Here are our top 5 tips to help you stay on top of the Christmas cheer:


    1. Maintain habits – Try as much as possible to continue the habits you have in your day-to-day life. For example, if you get up at 7am every working day then continue to do this. Although you’ll likely be going to bed later, on certain days, it’s so important to try and control what you can control, with this being a simple example. If you keep to a similar routine, you’ll find everything else is easier to manage.
    2. Make better alcohol choices – We will all likely drink more over the festive period than we would do normally. Picking a tipple that may have lower calorific content or that brings on less of a severe hangover is always a smart idea. For example, a clear spirit like vodka or gin with a non-sugar-based mixer (sugar free tonic or soda water). The lower calorie content of these drinks compared to say beer or wine will mean your overall calorific consumption on a big night out will be lower. This can really add up over the course of a week. Secondly clear drinks tend to contain less impurities which can bring on more intensive hangovers. Red wine and darker spirits such as whiskey are examples of drinks to try to avoid.
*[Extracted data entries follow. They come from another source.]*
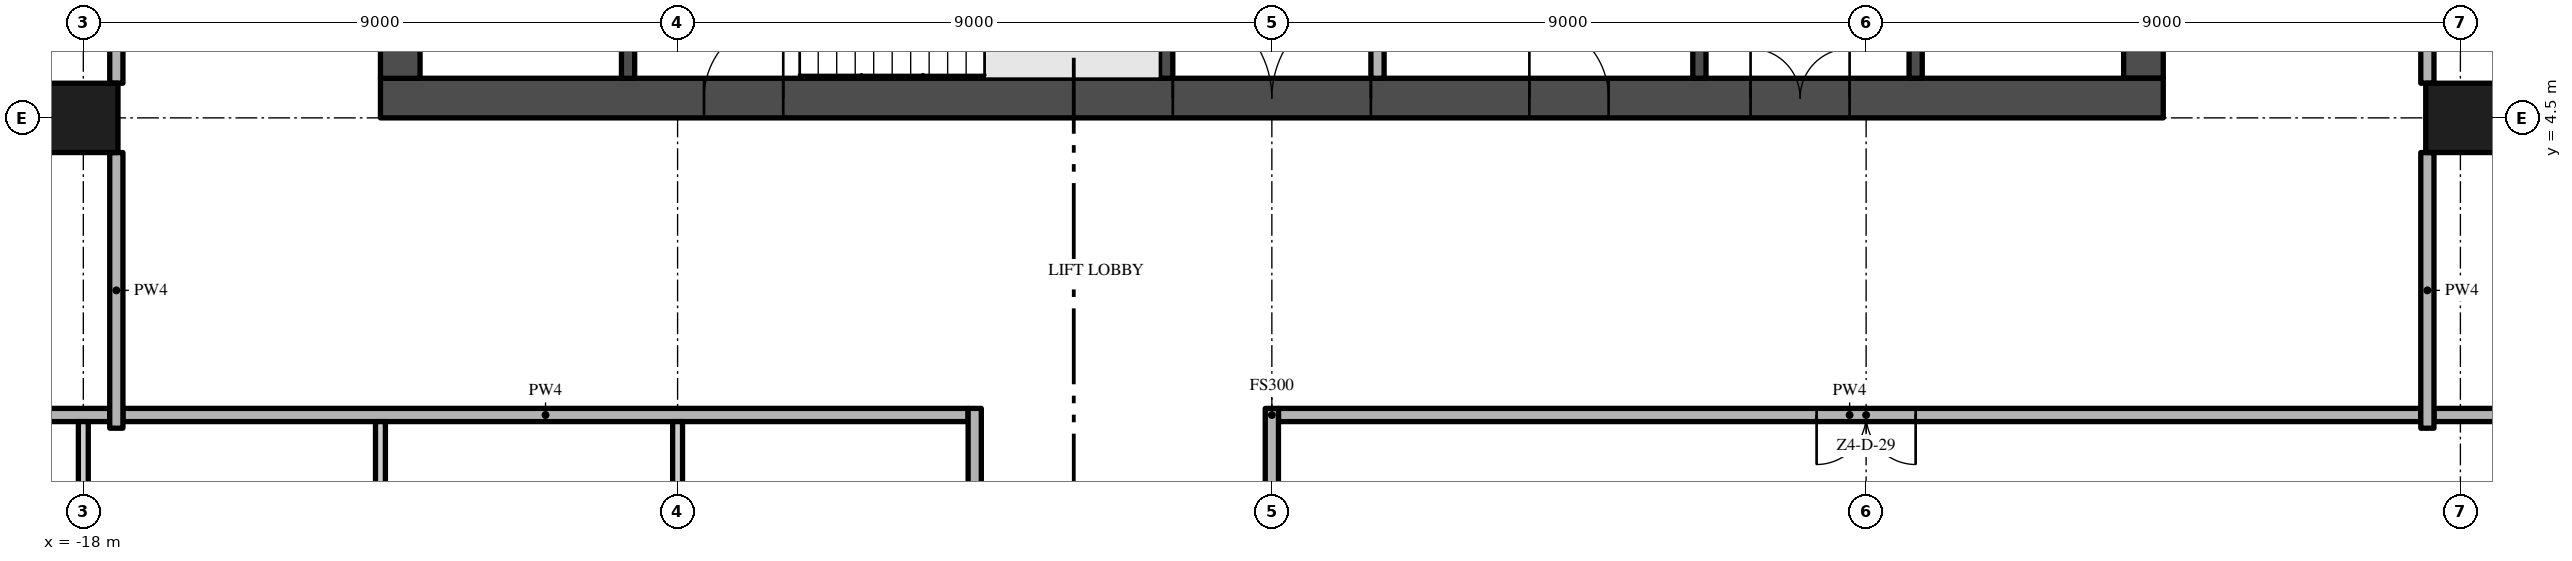
"""IFC4 building model, lengths in metres.
Left out: names, types, materials, properties, quantities, classifications, styles, units other than length and angle.
Written with IfcOpenShell. Run it as: python <this file> out.ifc"""

import sys

from ifc_helpers import new_model, si_unit, direction, frame, frame_2d, origin, origin_2d, place, context, subcontext, project, spatial, rectangle, extrude, element, fill, save


model = new_model("IFC4")
c1 = context("Model", 3, precision=1e-05, world=origin(), true_north=direction((0.0, 1.0)))
c2 = subcontext(c1, "Body", "Model", "MODEL_VIEW")
j1 = project(units=[si_unit("LENGTHUNIT", "METRE"), si_unit("PLANEANGLEUNIT", "RADIAN")], contexts=[c1])
p1 = place(None, origin())
s1 = spatial("IfcSite", under=j1, at=p1, CompositionType="ELEMENT")
p2 = place(p1, origin())
s2 = spatial("IfcBuilding", under=s1, at=p2, CompositionType="ELEMENT")
p3 = place(p2, frame((0.0, 0.0, 222.4)))
s3 = spatial("IfcBuildingStorey", under=s2, at=p3, CompositionType="ELEMENT", Elevation=222.4)
p4 = place(p3, frame((-13.5, 4.8, -0.3), z_axis=(0.0, 0.0, 1.0), x_axis=(1.0, 0.0, 0.0)))
e1 = element("IfcWall", 1, at=p4, inside=s3, PredefinedType="SHEAR", context=c2, shape_type="SweptSolid", body=[
    extrude(rectangle(XDim=27.0, YDim=0.6, at=frame_2d((13.5, 0.0))), origin(), (0.0, 0.0, 1.0), 3.8),
])
p5 = place(p4, frame((12.0, 0.0, 0.3)))
e2 = element("IfcOpeningElement", 2, at=p5, cuts=e1, PredefinedType="OPENING", context=c2, shape_type="SweptSolid", body=[
    extrude(rectangle(XDim=3.0, YDim=2.4, at=frame_2d((1.5, 1.2))), frame((0.0, 0.31, 0.0), z_axis=(0.0, -1.0, 0.0), x_axis=(1.0, 0.0, 0.0)), (0.0, 0.0, 1.0), 0.62),
])
p6 = place(p4, frame((4.9, 0.0, 0.3)))
e3 = element("IfcOpeningElement", 3, at=p6, cuts=e1, PredefinedType="OPENING", context=c2, shape_type="SweptSolid", body=[
    extrude(rectangle(XDim=1.2, YDim=2.2, at=frame_2d((0.6, 1.1))), frame((0.0, 0.31, 0.0), z_axis=(0.0, -1.0, 0.0), x_axis=(1.0, 0.0, 0.0)), (0.0, 0.0, 1.0), 0.62),
])
p7 = place(p4, frame((20.75, 0.0, 0.3)))
e4 = element("IfcOpeningElement", 4, at=p7, cuts=e1, PredefinedType="OPENING", context=c2, shape_type="SweptSolid", body=[
    extrude(rectangle(XDim=1.5, YDim=2.2, at=frame_2d((0.75, 1.1))), frame((0.0, 0.31, 0.0), z_axis=(0.0, -1.0, 0.0), x_axis=(1.0, 0.0, 0.0)), (0.0, 0.0, 1.0), 0.62),
])
p8 = place(p4, frame((17.4, 0.0, 0.3)))
e5 = element("IfcOpeningElement", 5, at=p8, cuts=e1, PredefinedType="OPENING", context=c2, shape_type="SweptSolid", body=[
    extrude(rectangle(XDim=1.2, YDim=2.2, at=frame_2d((0.6, 1.1))), frame((0.0, 0.31, 0.0), z_axis=(0.0, -1.0, 0.0), x_axis=(1.0, 0.0, 0.0)), (0.0, 0.0, 1.0), 0.62),
])
p9 = place(p3, frame((13.2, 5.1, -0.3), z_axis=(0.0, 0.0, 1.0), x_axis=(0.0, 1.0, 0.0)))
e6 = element("IfcWall", 6, at=p9, inside=s3, PredefinedType="SHEAR", context=c2, shape_type="SweptSolid", body=[
    extrude(rectangle(XDim=16.8, YDim=0.6, at=frame_2d((8.4, 0.0))), origin(), (0.0, 0.0, 1.0), 3.8),
])
p10 = place(p9, frame((6.3, 0.0, 0.3)))
e7 = element("IfcOpeningElement", 7, at=p10, cuts=e6, PredefinedType="OPENING", context=c2, shape_type="SweptSolid", body=[
    extrude(rectangle(XDim=1.2, YDim=2.2, at=frame_2d((0.6, 1.1))), frame((0.0, 0.31, 0.0), z_axis=(0.0, -1.0, 0.0), x_axis=(1.0, 0.0, 0.0)), (0.0, 0.0, 1.0), 0.62),
])
p11 = place(p3, frame((-13.2, 21.9, -0.3), z_axis=(0.0, 0.0, 1.0), x_axis=(0.0, -1.0, 0.0)))
e8 = element("IfcWall", 8, at=p11, inside=s3, PredefinedType="SHEAR", context=c2, shape_type="SweptSolid", body=[
    extrude(rectangle(XDim=16.8, YDim=0.6, at=frame_2d((8.4, 0.0))), origin(), (0.0, 0.0, 1.0), 3.8),
])
p12 = place(p11, frame((9.3, 0.0, 0.3)))
e9 = element("IfcOpeningElement", 9, at=p12, cuts=e8, PredefinedType="OPENING", context=c2, shape_type="SweptSolid", body=[
    extrude(rectangle(XDim=1.2, YDim=2.2, at=frame_2d((0.6, 1.1))), frame((0.0, 0.31, 0.0), z_axis=(0.0, -1.0, 0.0), x_axis=(1.0, 0.0, 0.0)), (0.0, 0.0, 1.0), 0.62),
])
for number, where, z_axis, x_axis in (
    (10, (-18.0, 4.5, 0.0), (0.0, 0.0, 1.0), (1.0, 0.0, 0.0)),
    (11, (18.0, 4.5, 0.0), (0.0, 0.0, 1.0), (1.0, 0.0, 0.0)),
):
    element("IfcColumn", number, at=place(p3, frame(where, z_axis=z_axis, x_axis=x_axis)), inside=s3, PredefinedType="COLUMN", context=c2, shape_type="SweptSolid", body=[
        extrude(rectangle(XDim=1.05, YDim=1.05, at=origin_2d()), origin(), (0.0, 0.0, 1.0), 3.5),
    ])
for number, where, z_axis, x_axis in (
    (12, (-9.75, 5.1, 0.0), (0.0, 0.0, 1.0), (0.0, 1.0, 0.0)),
    (13, (-1.6, 5.1, 0.0), (0.0, 0.0, 1.0), (0.0, 1.0, 0.0)),
):
    element("IfcWall", number, at=place(p3, frame(where, z_axis=z_axis, x_axis=x_axis)), inside=s3, PredefinedType="SHEAR", context=c2, shape_type="SweptSolid", body=[
        extrude(rectangle(XDim=2.85, YDim=0.2, at=frame_2d((1.425, 0.0))), origin(), (0.0, 0.0, 1.0), 3.5),
    ])
p13 = place(p3, frame((1.6, 7.5, 0.0), z_axis=(0.0, 0.0, 1.0), x_axis=(0.0, -1.0, 0.0)))
e14 = element("IfcWall", 14, at=p13, inside=s3, PredefinedType="PARTITIONING", context=c2, shape_type="SweptSolid", body=[
    extrude(rectangle(XDim=2.4, YDim=0.2, at=frame_2d((1.2, 0.0))), origin(), (0.0, 0.0, 1.0), 3.5),
])
p14 = place(p13, frame((0.35, 0.0, 0.0)))
e15 = element("IfcOpeningElement", 15, at=p14, cuts=e14, PredefinedType="OPENING", context=c2, shape_type="SweptSolid", body=[
    extrude(rectangle(XDim=0.9, YDim=2.1, at=frame_2d((0.45, 1.05))), frame((0.0, 0.11, 0.0), z_axis=(0.0, -1.0, 0.0), x_axis=(1.0, 0.0, 0.0)), (0.0, 0.0, 1.0), 0.22),
])
p15 = place(p3, frame((6.475, 5.1, 0.0), z_axis=(0.0, 0.0, 1.0), x_axis=(0.0, 1.0, 0.0)))
e16 = element("IfcWall", 16, at=p15, inside=s3, PredefinedType="SHEAR", context=c2, shape_type="SweptSolid", body=[
    extrude(rectangle(XDim=2.4, YDim=0.2, at=frame_2d((1.2, 0.0))), origin(), (0.0, 0.0, 1.0), 3.5),
])
p16 = place(p3, frame((9.75, 5.1, 0.0), z_axis=(0.0, 0.0, 1.0), x_axis=(0.0, 1.0, 0.0)))
e17 = element("IfcWall", 17, at=p16, inside=s3, PredefinedType="SHEAR", context=c2, shape_type="SweptSolid", body=[
    extrude(rectangle(XDim=2.5, YDim=0.2, at=frame_2d((1.25, 0.0))), origin(), (0.0, 0.0, 1.0), 3.5),
])
p17 = place(p16, frame((0.85, 0.0, 0.0)))
e18 = element("IfcOpeningElement", 18, at=p17, cuts=e17, PredefinedType="OPENING", context=c2, shape_type="SweptSolid", body=[
    extrude(rectangle(XDim=1.1, YDim=2.1, at=frame_2d((0.55, 1.05))), frame((0.0, 0.11, 0.0), z_axis=(0.0, -1.0, 0.0), x_axis=(1.0, 0.0, 0.0)), (0.0, 0.0, 1.0), 0.22),
])
p18 = place(p3, frame((-17.4, 0.0, 0.0), z_axis=(0.0, 0.0, 1.0), x_axis=(1.0, 0.0, 0.0)))
e19 = element("IfcWall", 19, at=p18, inside=s3, PredefinedType="PARTITIONING", context=c2, shape_type="SweptSolid", body=[
    extrude(rectangle(XDim=12.8, YDim=0.2, at=frame_2d((6.4, 0.0))), origin(), (0.0, 0.0, 1.0), 3.5),
])
p19 = place(p3, frame((17.4, 0.0, 0.0), z_axis=(0.0, 0.0, 1.0), x_axis=(-1.0, 0.0, 0.0)))
e20 = element("IfcWall", 20, at=p19, inside=s3, PredefinedType="PARTITIONING", context=c2, shape_type="SweptSolid", body=[
    extrude(rectangle(XDim=17.3, YDim=0.2, at=frame_2d((8.65, 0.0))), origin(), (0.0, 0.0, 1.0), 3.5),
])
p20 = place(p19, frame((7.65, 0.0, 0.0)))
e21 = element("IfcOpeningElement", 21, at=p20, cuts=e20, PredefinedType="OPENING", context=c2, shape_type="SweptSolid", body=[
    extrude(rectangle(XDim=1.5, YDim=2.4, at=frame_2d((0.75, 1.2))), frame((0.0, 0.11, 0.0), z_axis=(0.0, -1.0, 0.0), x_axis=(1.0, 0.0, 0.0)), (0.0, 0.0, 1.0), 0.22),
])
for number, where, z_axis, x_axis in (
    (22, (-26.7, 0.0, 0.0), (0.0, 0.0, 1.0), (1.0, 0.0, 0.0)),
    (23, (17.6, 0.0, 0.0), (0.0, 0.0, 1.0), (1.0, 0.0, 0.0)),
):
    element("IfcWall", number, at=place(p3, frame(where, z_axis=z_axis, x_axis=x_axis)), inside=s3, PredefinedType="PARTITIONING", context=c2, shape_type="SweptSolid", body=[
        extrude(rectangle(XDim=9.1, YDim=0.2, at=frame_2d((4.55, 0.0))), origin(), (0.0, 0.0, 1.0), 3.5),
    ])
p21 = place(p3, frame((-18.0, -3.975, 0.0), z_axis=(0.0, 0.0, 1.0), x_axis=(0.0, 1.0, 0.0)))
e24 = element("IfcWall", 24, at=p21, inside=s3, PredefinedType="PARTITIONING", context=c2, shape_type="SweptSolid", body=[
    extrude(rectangle(XDim=3.875, YDim=0.15, at=frame_2d((1.938, 0.0))), origin(), (0.0, 0.0, 1.0), 3.5),
])
p22 = place(p21, frame((1.0, 0.0, 0.0)))
e25 = element("IfcOpeningElement", 25, at=p22, cuts=e24, PredefinedType="OPENING", context=c2, shape_type="SweptSolid", body=[
    extrude(rectangle(XDim=1.5, YDim=2.4, at=frame_2d((0.75, 1.2))), frame((0.0, 0.085, 0.0), z_axis=(0.0, -1.0, 0.0), x_axis=(1.0, 0.0, 0.0)), (0.0, 0.0, 1.0), 0.17),
])
p23 = place(p3, frame((-17.5, -0.2, 0.0), z_axis=(0.0, 0.0, 1.0), x_axis=(0.0, 1.0, 0.0)))
e26 = element("IfcWall", 26, at=p23, inside=s3, PredefinedType="PARTITIONING", context=c2, shape_type="SweptSolid", body=[
    extrude(rectangle(XDim=4.175, YDim=0.2, at=frame_2d((2.087, 0.0))), origin(), (0.0, 0.0, 1.0), 3.5),
])
p24 = place(p3, frame((-17.5, 5.025, 0.0), z_axis=(0.0, 0.0, 1.0), x_axis=(0.0, 1.0, 0.0)))
e27 = element("IfcWall", 27, at=p24, inside=s3, PredefinedType="PARTITIONING", context=c2, shape_type="SweptSolid", body=[
    extrude(rectangle(XDim=7.95, YDim=0.2, at=frame_2d((3.975, 0.0))), origin(), (0.0, 0.0, 1.0), 3.5),
])
p25 = place(p3, frame((-13.5, -0.1, 0.0), z_axis=(0.0, 0.0, 1.0), x_axis=(0.0, -1.0, 0.0)))
e28 = element("IfcWall", 28, at=p25, inside=s3, PredefinedType="PARTITIONING", context=c2, shape_type="SweptSolid", body=[
    extrude(rectangle(XDim=8.525, YDim=0.15, at=frame_2d((4.263, 0.0))), origin(), (0.0, 0.0, 1.0), 3.5),
])
p26 = place(p25, frame((4.0, 0.0, 0.0)))
e29 = element("IfcOpeningElement", 29, at=p26, cuts=e28, PredefinedType="OPENING", context=c2, shape_type="SweptSolid", body=[
    extrude(rectangle(XDim=0.8, YDim=2.0, at=frame_2d((0.4, 1.0))), frame((0.0, 0.085, 0.0), z_axis=(0.0, -1.0, 0.0), x_axis=(1.0, 0.0, 0.0)), (0.0, 0.0, 1.0), 0.17),
])
p27 = place(p3, frame((-9.0, -3.975, 0.0), z_axis=(0.0, 0.0, 1.0), x_axis=(0.0, 1.0, 0.0)))
e30 = element("IfcWall", 30, at=p27, inside=s3, PredefinedType="PARTITIONING", context=c2, shape_type="SweptSolid", body=[
    extrude(rectangle(XDim=3.875, YDim=0.15, at=frame_2d((1.938, 0.0))), origin(), (0.0, 0.0, 1.0), 3.5),
])
p28 = place(p27, frame((2.025, 0.0, 0.0)))
e31 = element("IfcOpeningElement", 31, at=p28, cuts=e30, PredefinedType="OPENING", context=c2, shape_type="SweptSolid", body=[
    extrude(rectangle(XDim=0.9, YDim=2.1, at=frame_2d((0.45, 1.05))), frame((0.0, 0.085, 0.0), z_axis=(0.0, -1.0, 0.0), x_axis=(1.0, 0.0, 0.0)), (0.0, 0.0, 1.0), 0.17),
])
p29 = place(p3, frame((-4.5, -22.2, 0.0), z_axis=(0.0, 0.0, 1.0), x_axis=(0.0, 1.0, 0.0)))
e32 = element("IfcWall", 32, at=p29, inside=s3, PredefinedType="PARTITIONING", context=c2, shape_type="SweptSolid", body=[
    extrude(rectangle(XDim=22.3, YDim=0.2, at=frame_2d((11.15, 0.0))), origin(), (0.0, 0.0, 1.0), 3.5),
])
p30 = place(p29, frame((10.2, 0.0, 0.0)))
e33 = element("IfcOpeningElement", 33, at=p30, cuts=e32, PredefinedType="OPENING", context=c2, shape_type="SweptSolid", body=[
    extrude(rectangle(XDim=1.5, YDim=2.4, at=frame_2d((0.75, 1.2))), frame((0.0, 0.11, 0.0), z_axis=(0.0, -1.0, 0.0), x_axis=(1.0, 0.0, 0.0)), (0.0, 0.0, 1.0), 0.22),
])
p31 = place(p3, frame((0.0, -3.975, 0.0), z_axis=(0.0, 0.0, 1.0), x_axis=(0.0, 1.0, 0.0)))
e34 = element("IfcWall", 34, at=p31, inside=s3, PredefinedType="PARTITIONING", context=c2, shape_type="SweptSolid", body=[
    extrude(rectangle(XDim=4.075, YDim=0.2, at=frame_2d((2.038, 0.0))), origin(), (0.0, 0.0, 1.0), 3.5),
])
p32 = place(p3, frame((17.5, -0.2, 0.0), z_axis=(0.0, 0.0, 1.0), x_axis=(0.0, 1.0, 0.0)))
e35 = element("IfcWall", 35, at=p32, inside=s3, PredefinedType="PARTITIONING", context=c2, shape_type="SweptSolid", body=[
    extrude(rectangle(XDim=4.175, YDim=0.2, at=frame_2d((2.087, 0.0))), origin(), (0.0, 0.0, 1.0), 3.5),
])
p33 = place(p3, frame((17.5, 5.025, 0.0), z_axis=(0.0, 0.0, 1.0), x_axis=(0.0, 1.0, 0.0)))
e36 = element("IfcWall", 36, at=p33, inside=s3, PredefinedType="PARTITIONING", context=c2, shape_type="SweptSolid", body=[
    extrude(rectangle(XDim=7.95, YDim=0.2, at=frame_2d((3.975, 0.0))), origin(), (0.0, 0.0, 1.0), 3.5),
])
p34 = place(p5, frame((3.0, 0.0, 0.0), z_axis=(0.0, 0.0, 1.0), x_axis=(-1.0, 0.0, 0.0)))
e37 = element("IfcDoor", 37, at=p34, inside=s3, OperationType="DOUBLE_DOOR_SINGLE_SWING", PredefinedType="DOOR", context=c2, shape_type="SweptSolid", body=[
    extrude(rectangle(XDim=3.0, YDim=2.4, at=frame_2d((1.5, 1.2))), frame((0.0, 0.025, 0.0), z_axis=(0.0, -1.0, 0.0), x_axis=(1.0, 0.0, 0.0)), (0.0, 0.0, 1.0), 0.05),
])
fill(e2, e37)
p35 = place(p6, frame((1.2, 0.0, 0.0), z_axis=(0.0, 0.0, 1.0), x_axis=(-1.0, 0.0, 0.0)))
e38 = element("IfcDoor", 38, at=p35, inside=s3, OperationType="SINGLE_SWING_LEFT", PredefinedType="DOOR", context=c2, shape_type="SweptSolid", body=[
    extrude(rectangle(XDim=1.2, YDim=2.2, at=frame_2d((0.6, 1.1))), frame((0.0, 0.025, 0.0), z_axis=(0.0, -1.0, 0.0), x_axis=(1.0, 0.0, 0.0)), (0.0, 0.0, 1.0), 0.05),
])
fill(e3, e38)
p36 = place(p7, frame((1.5, 0.0, 0.0), z_axis=(0.0, 0.0, 1.0), x_axis=(-1.0, 0.0, 0.0)))
e39 = element("IfcDoor", 39, at=p36, inside=s3, OperationType="DOUBLE_DOOR_SINGLE_SWING", PredefinedType="DOOR", context=c2, shape_type="SweptSolid", body=[
    extrude(rectangle(XDim=1.5, YDim=2.2, at=frame_2d((0.75, 1.1))), frame((0.0, 0.025, 0.0), z_axis=(0.0, -1.0, 0.0), x_axis=(1.0, 0.0, 0.0)), (0.0, 0.0, 1.0), 0.05),
])
fill(e4, e39)
p37 = place(p8, frame((1.2, 0.0, 0.0), z_axis=(0.0, 0.0, 1.0), x_axis=(-1.0, 0.0, 0.0)))
e40 = element("IfcDoor", 40, at=p37, inside=s3, OperationType="SINGLE_SWING_RIGHT", PredefinedType="DOOR", context=c2, shape_type="SweptSolid", body=[
    extrude(rectangle(XDim=1.2, YDim=2.2, at=frame_2d((0.6, 1.1))), frame((0.0, 0.025, 0.0), z_axis=(0.0, -1.0, 0.0), x_axis=(1.0, 0.0, 0.0)), (0.0, 0.0, 1.0), 0.05),
])
fill(e5, e40)
p38 = place(p20, origin())
e41 = element("IfcDoor", 41, at=p38, inside=s3, OperationType="DOUBLE_DOOR_SINGLE_SWING", PredefinedType="DOOR", context=c2, shape_type="SweptSolid", body=[
    extrude(rectangle(XDim=1.5, YDim=2.4, at=frame_2d((0.75, 1.2))), frame((0.0, 0.025, 0.0), z_axis=(0.0, -1.0, 0.0), x_axis=(1.0, 0.0, 0.0)), (0.0, 0.0, 1.0), 0.05),
])
fill(e21, e41)
save(model, sys.argv[1])

    3. Get up and move – Getting up and out of bed for some light exercise first thing in the morning is one of the best things we can do for our health. It will help regulate your blood sugars for the rest of the day plus make you feel more alert and energised by managing your circadian rhythm. Your circadian rhythm is known as your natural sleep/wake cycle. Having that morning light exposure and elevation of heart rate is one of the most simple tricks to keep cortisol high in the morning and then low at night which then induces deep sleep.
    4. Introduce Intermittent Fasting – Also known as time restricted eating, IF can have profound effects on weight management. The commonly known 5:2 diet of eating normally for five days then severely cutting caloric intake for two days is what popularised IF. Instead, another way is to condense your eating window to 8 hours and then fast for 16 hours. The way to do this is to remove your breakfast or evening meal (never the lunch). If you would like further information on how to practice intermittent fasting in a healthy way, please contact us on 0207 315 4260, or email info@coachlondon.uk .
    5. Walk after each meal – This is something that is recommend to do year round but especially during holiday periods. It’s as simple as it sounds, after each of your meals go for a 10-20 minute walk. This simple change can help reduce post prandial inflammation (the inflammatory effect food has), balance blood sugar levels and help drive nutrients in the cells of the muscles to be used as fuel, rather than being stored as fat.